O pré-candidato democrata à Casa Branca Barack Obama está cada vez mais próximo da nomeação democrata e já investe em uma nova etapa de campanha; unificar o Partido Democrata ferido pelos intensos ataques para fortalecer sua plataforma para as eleições gerais.

Nesta quinta-feira, um de seus assessores declarou que a campanha de Obama espera declarar vitória em 20 de maio, data em que Kentucky e Oregon realizam suas primárias e, segundo seus cálculos, o senador terá a maioria dos delegados em jogo.

Contudo, o otimismo da campanha de Obama parece não contagiar os superdelegados, líderes partidários que votam independentemente das primárias e devem definir a nomeação com seus 796 votos.

Segundo o "The Washington Post", apesar de ter sido recebido com grande entusiasmo na Casa dos Representantes (Câmara dos Deputados), atualmente dominada pelos democratas, ele conquistou apenas dois novos endossos da Casa nesta quinta-feira, de Rick Larsen (Washington) e Brad Miller (Carolina do Norte).

Veja a repercussão da corrida dos pré-candidatos à Presidência dos EUA nos jornais do país:

"The Washington Post"(EUA)
Obama quer unificar o partido até novembro

Reprodução
Washington Post
Washington Post

O senador Barack Obama começou a tomar os primeiros passos para unificar o dividido Partido Democrata para uma batalha nas eleições gerais contra John McCain.

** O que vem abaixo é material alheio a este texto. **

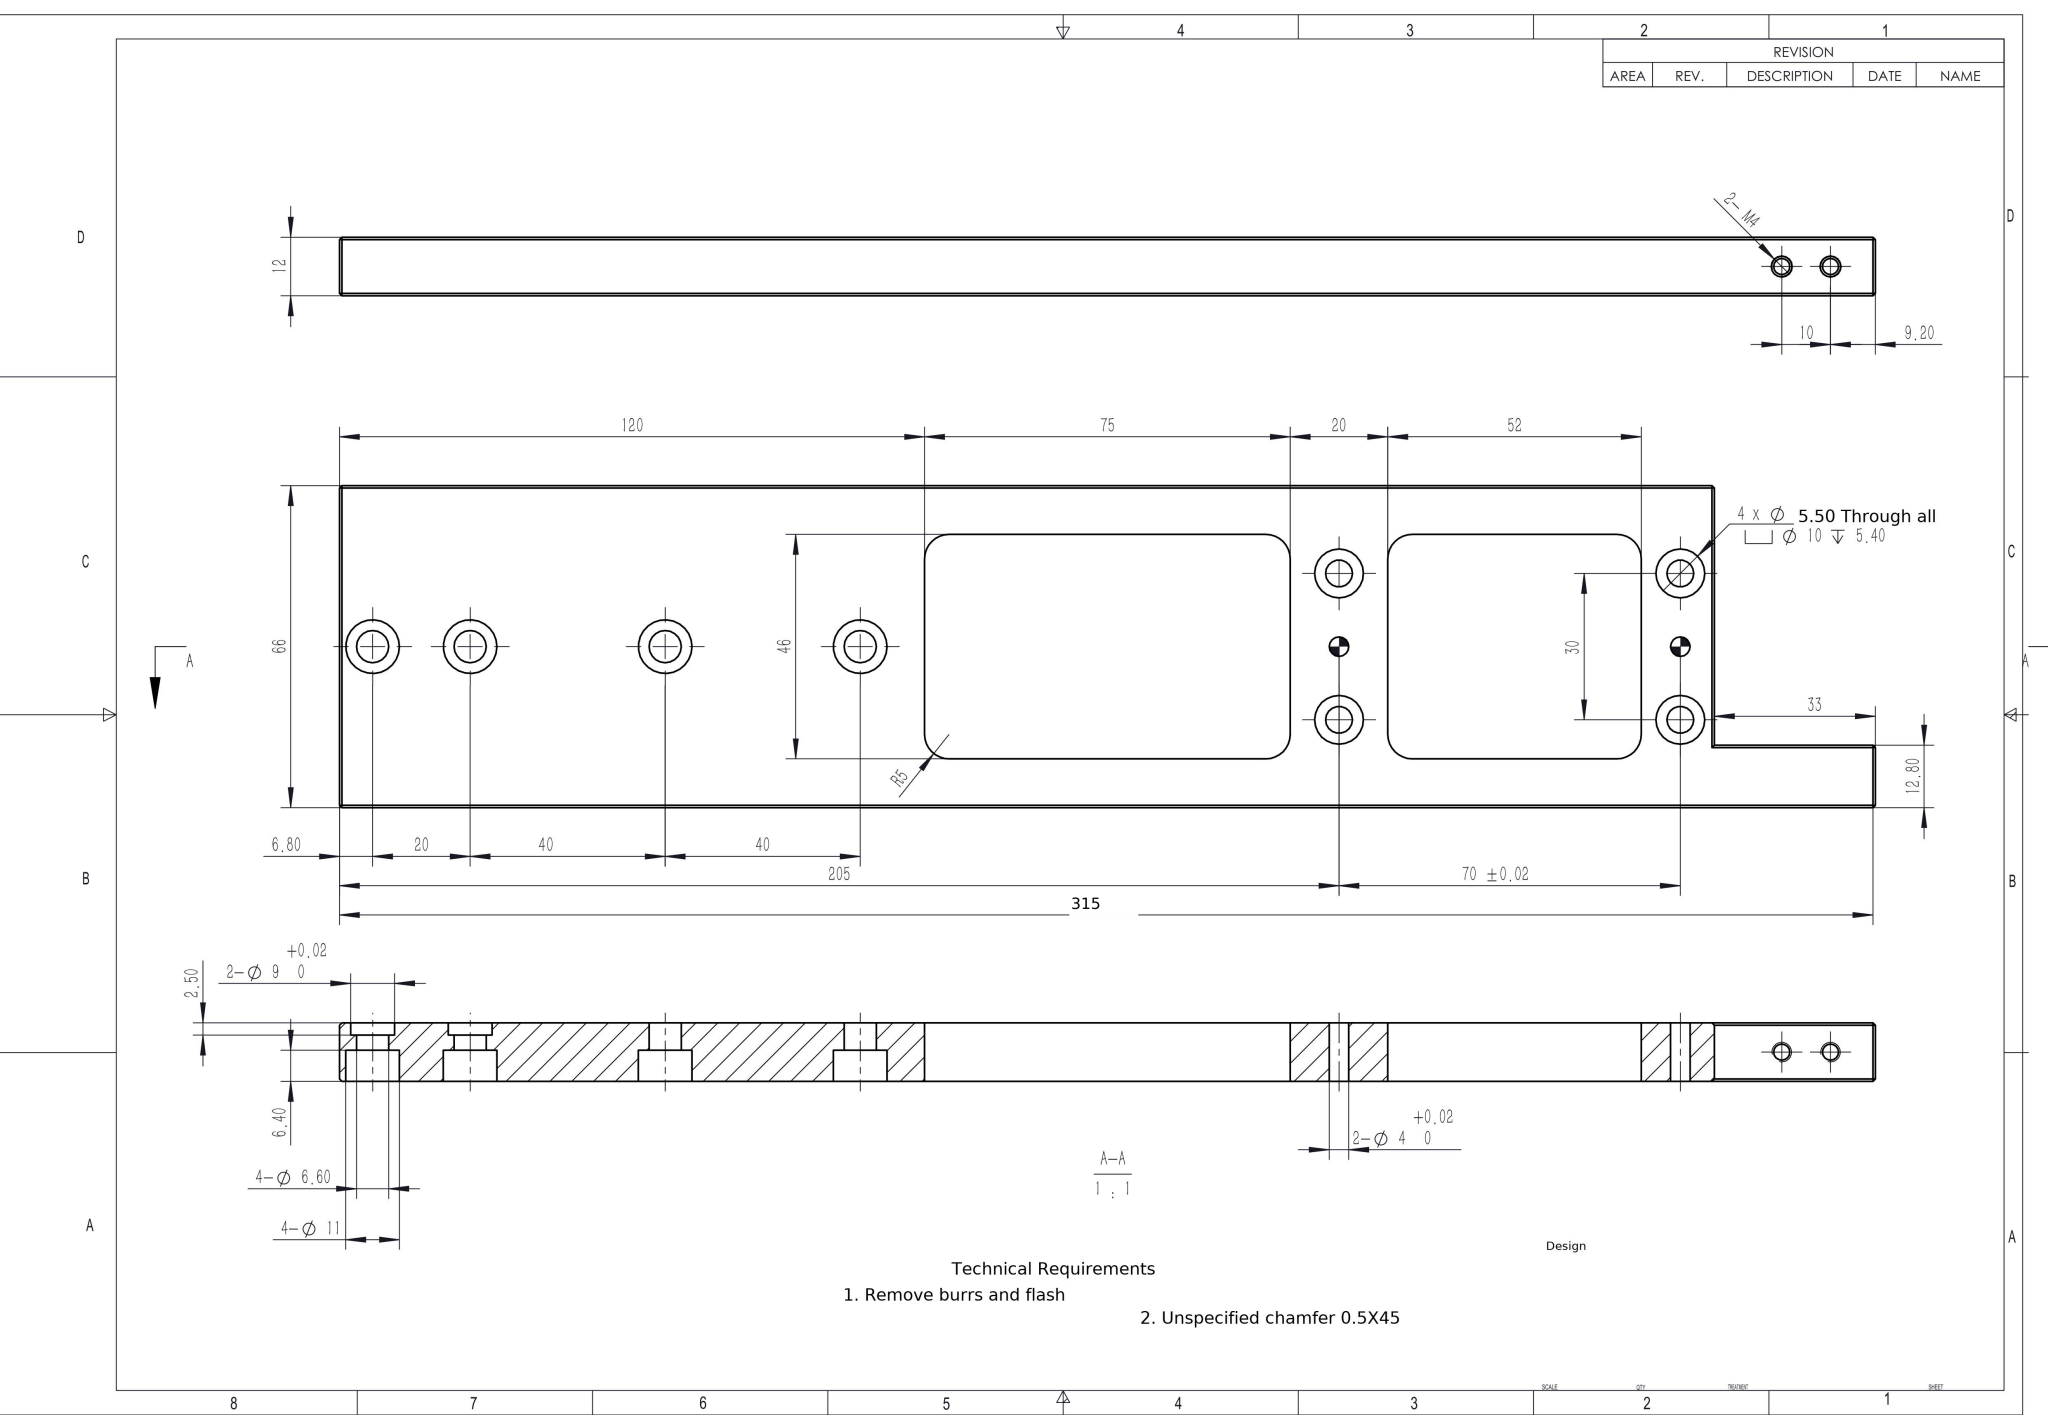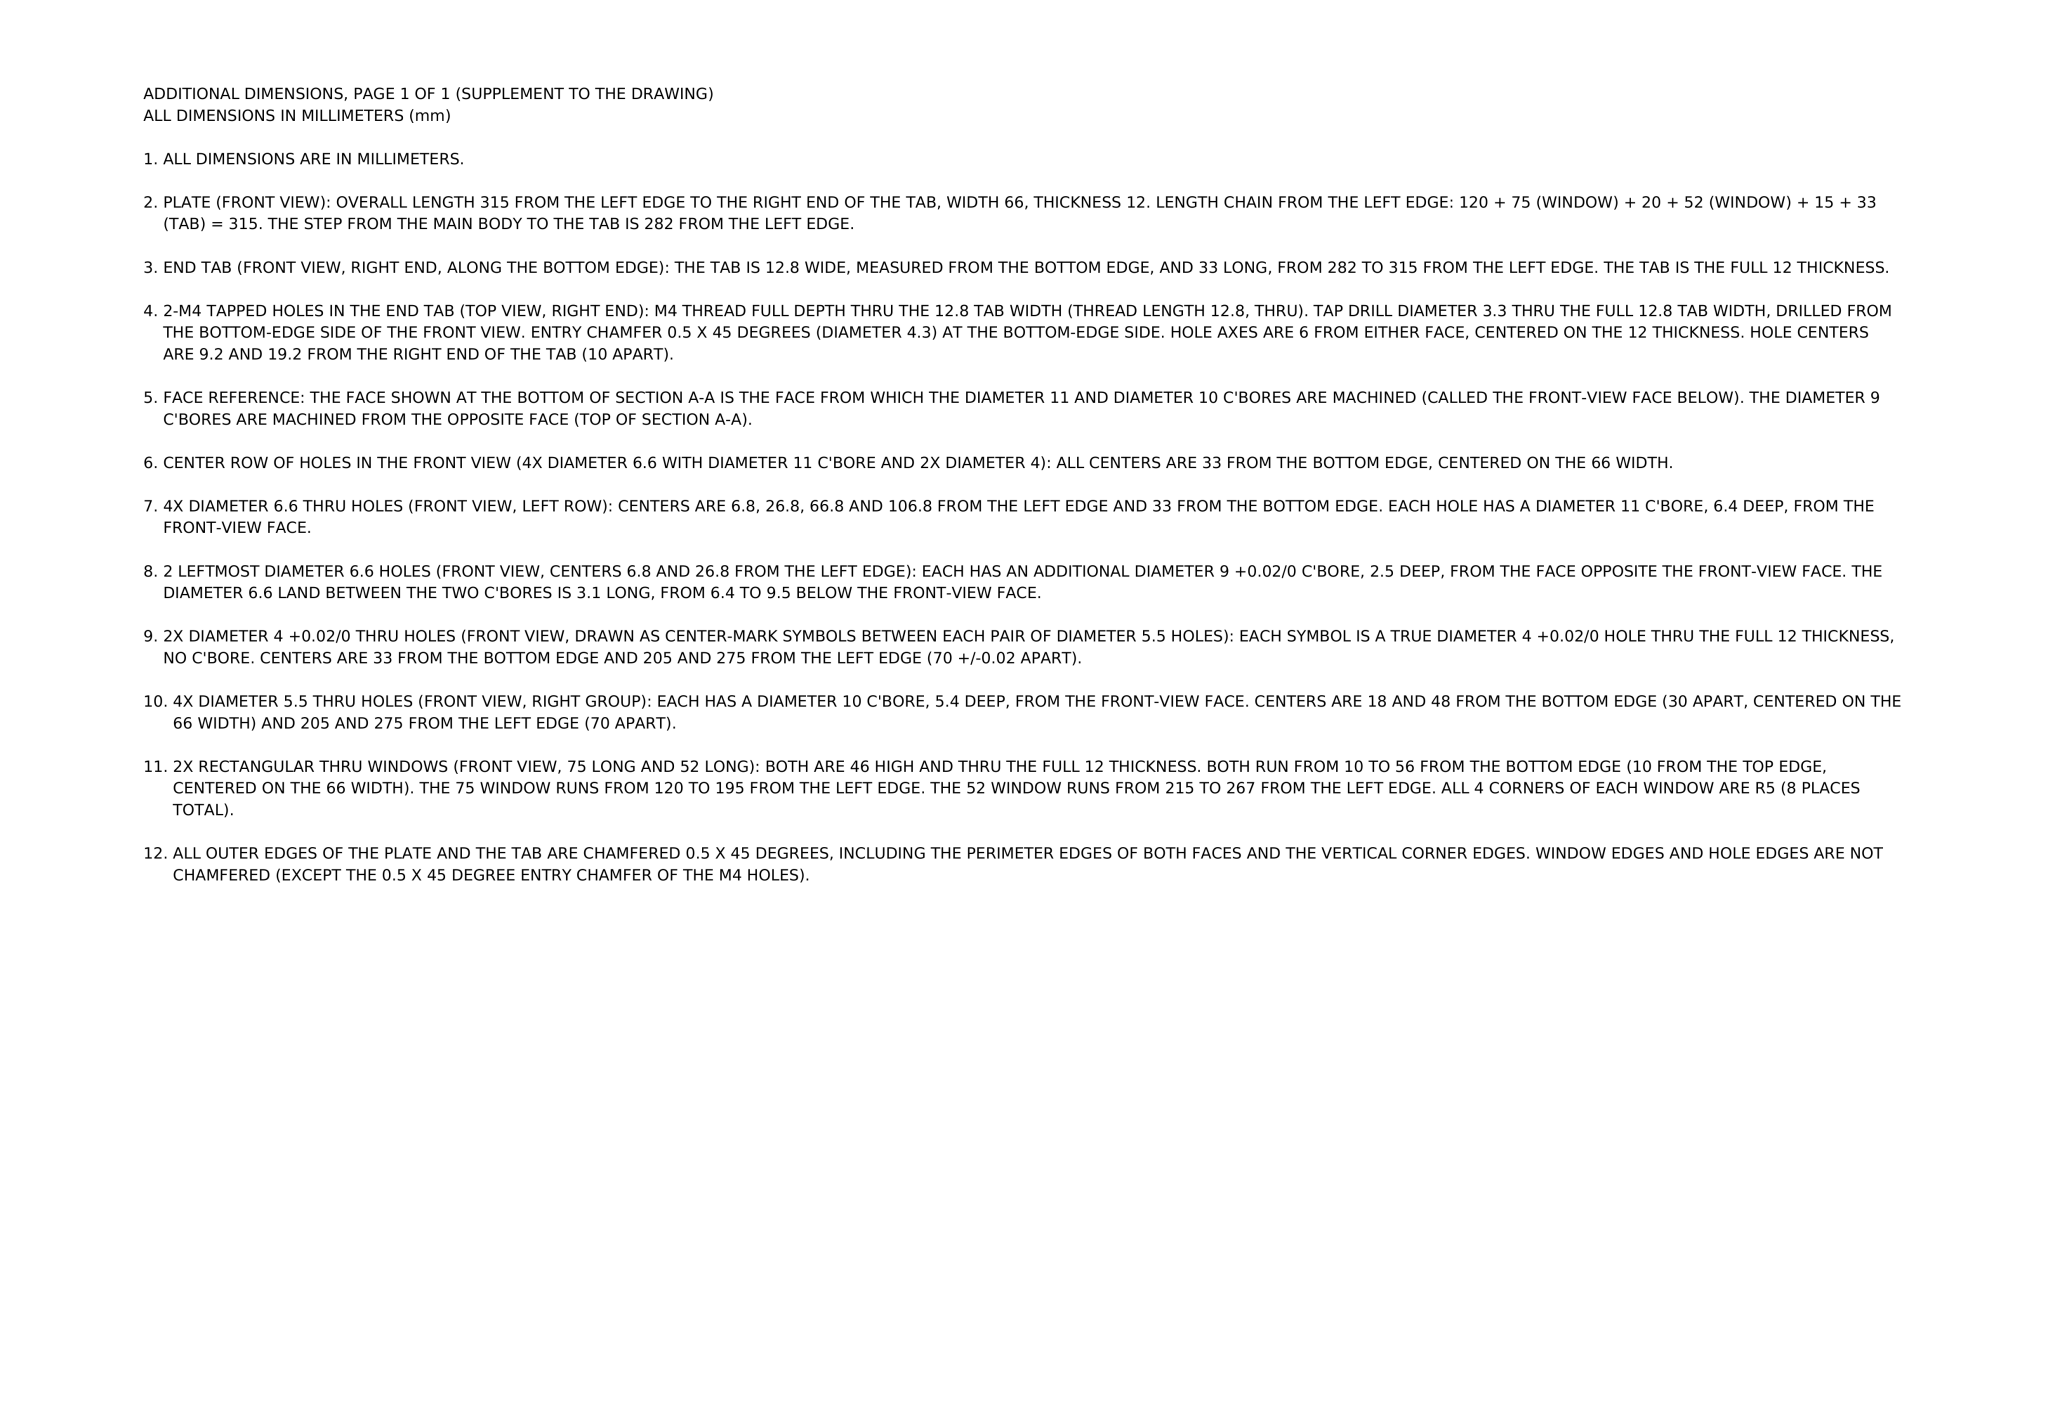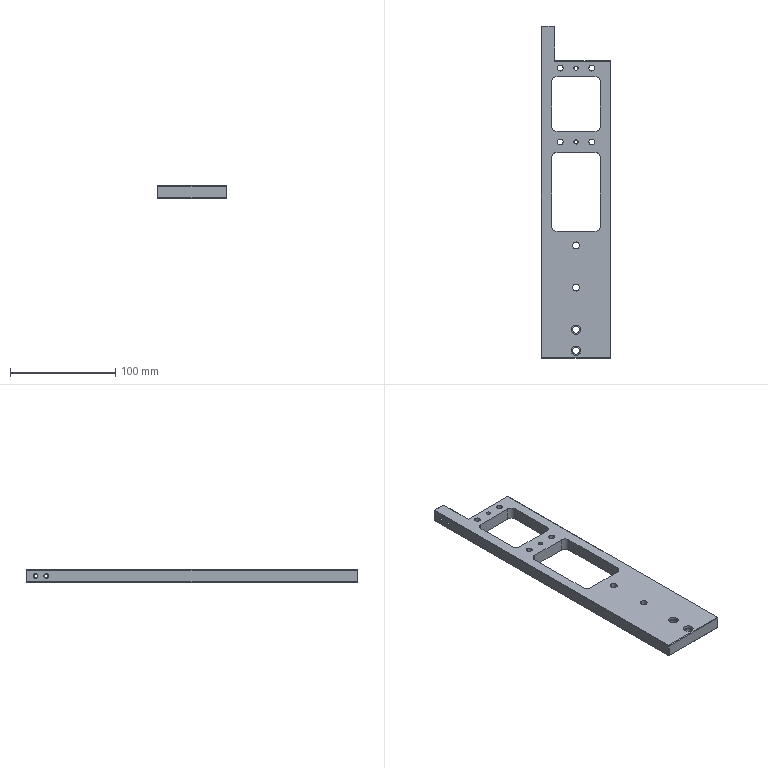Part | NX | mm | 1 solid | 109 faces | box 66 x 315 x 12 mm | volume 152433 mm3 | plane 53 | cylinder 52 | cone 4 | commonest cylinder face diameters 10 x16 11 x8 6.6 x8 5.5 x8 9 x4 4 x4 3.3 x4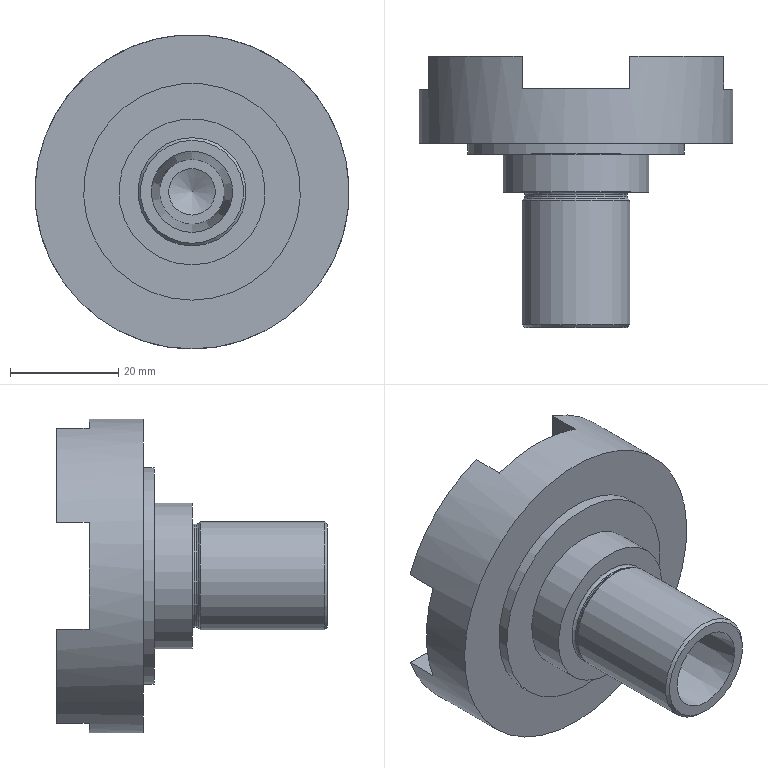Component | NX | GENEVA_SHAFT | 1 solid | 51 faces | volume 33678 mm3 | plane 31 | cylinder 14 | cone 4 | torus 2 | commonest cylinder face diameters 18 x4 6 x4 20 x2 58 x1 40 x1 27 x1 19 x1

De volta a Washington nesta quinta-feira, Obama foi interrompido por apoiadores empolgados enquanto caminhava pela Casa dos Representantes (Câmara dos Deputados). Mas, atrás dos panos, sua campanha trabalhou intensamente para ganhar superdelegados ainda indecisos e aliados de Hillary, com o cuidado de não parecer confiante demais ou mesmo perder o apoio de Hillary, seu marido, Bill Clinton e seus apoiadores para as eleições gerais.

Com inúmeros democratas proeminentes esperando nos bastidores para endossar sua candidatura, Obama parece no caminho para ganhar os delegados e superdelegados que ele precisa para garantir a nomeação democrata em 20 de maio, quando Kentucky e Oregon votarem.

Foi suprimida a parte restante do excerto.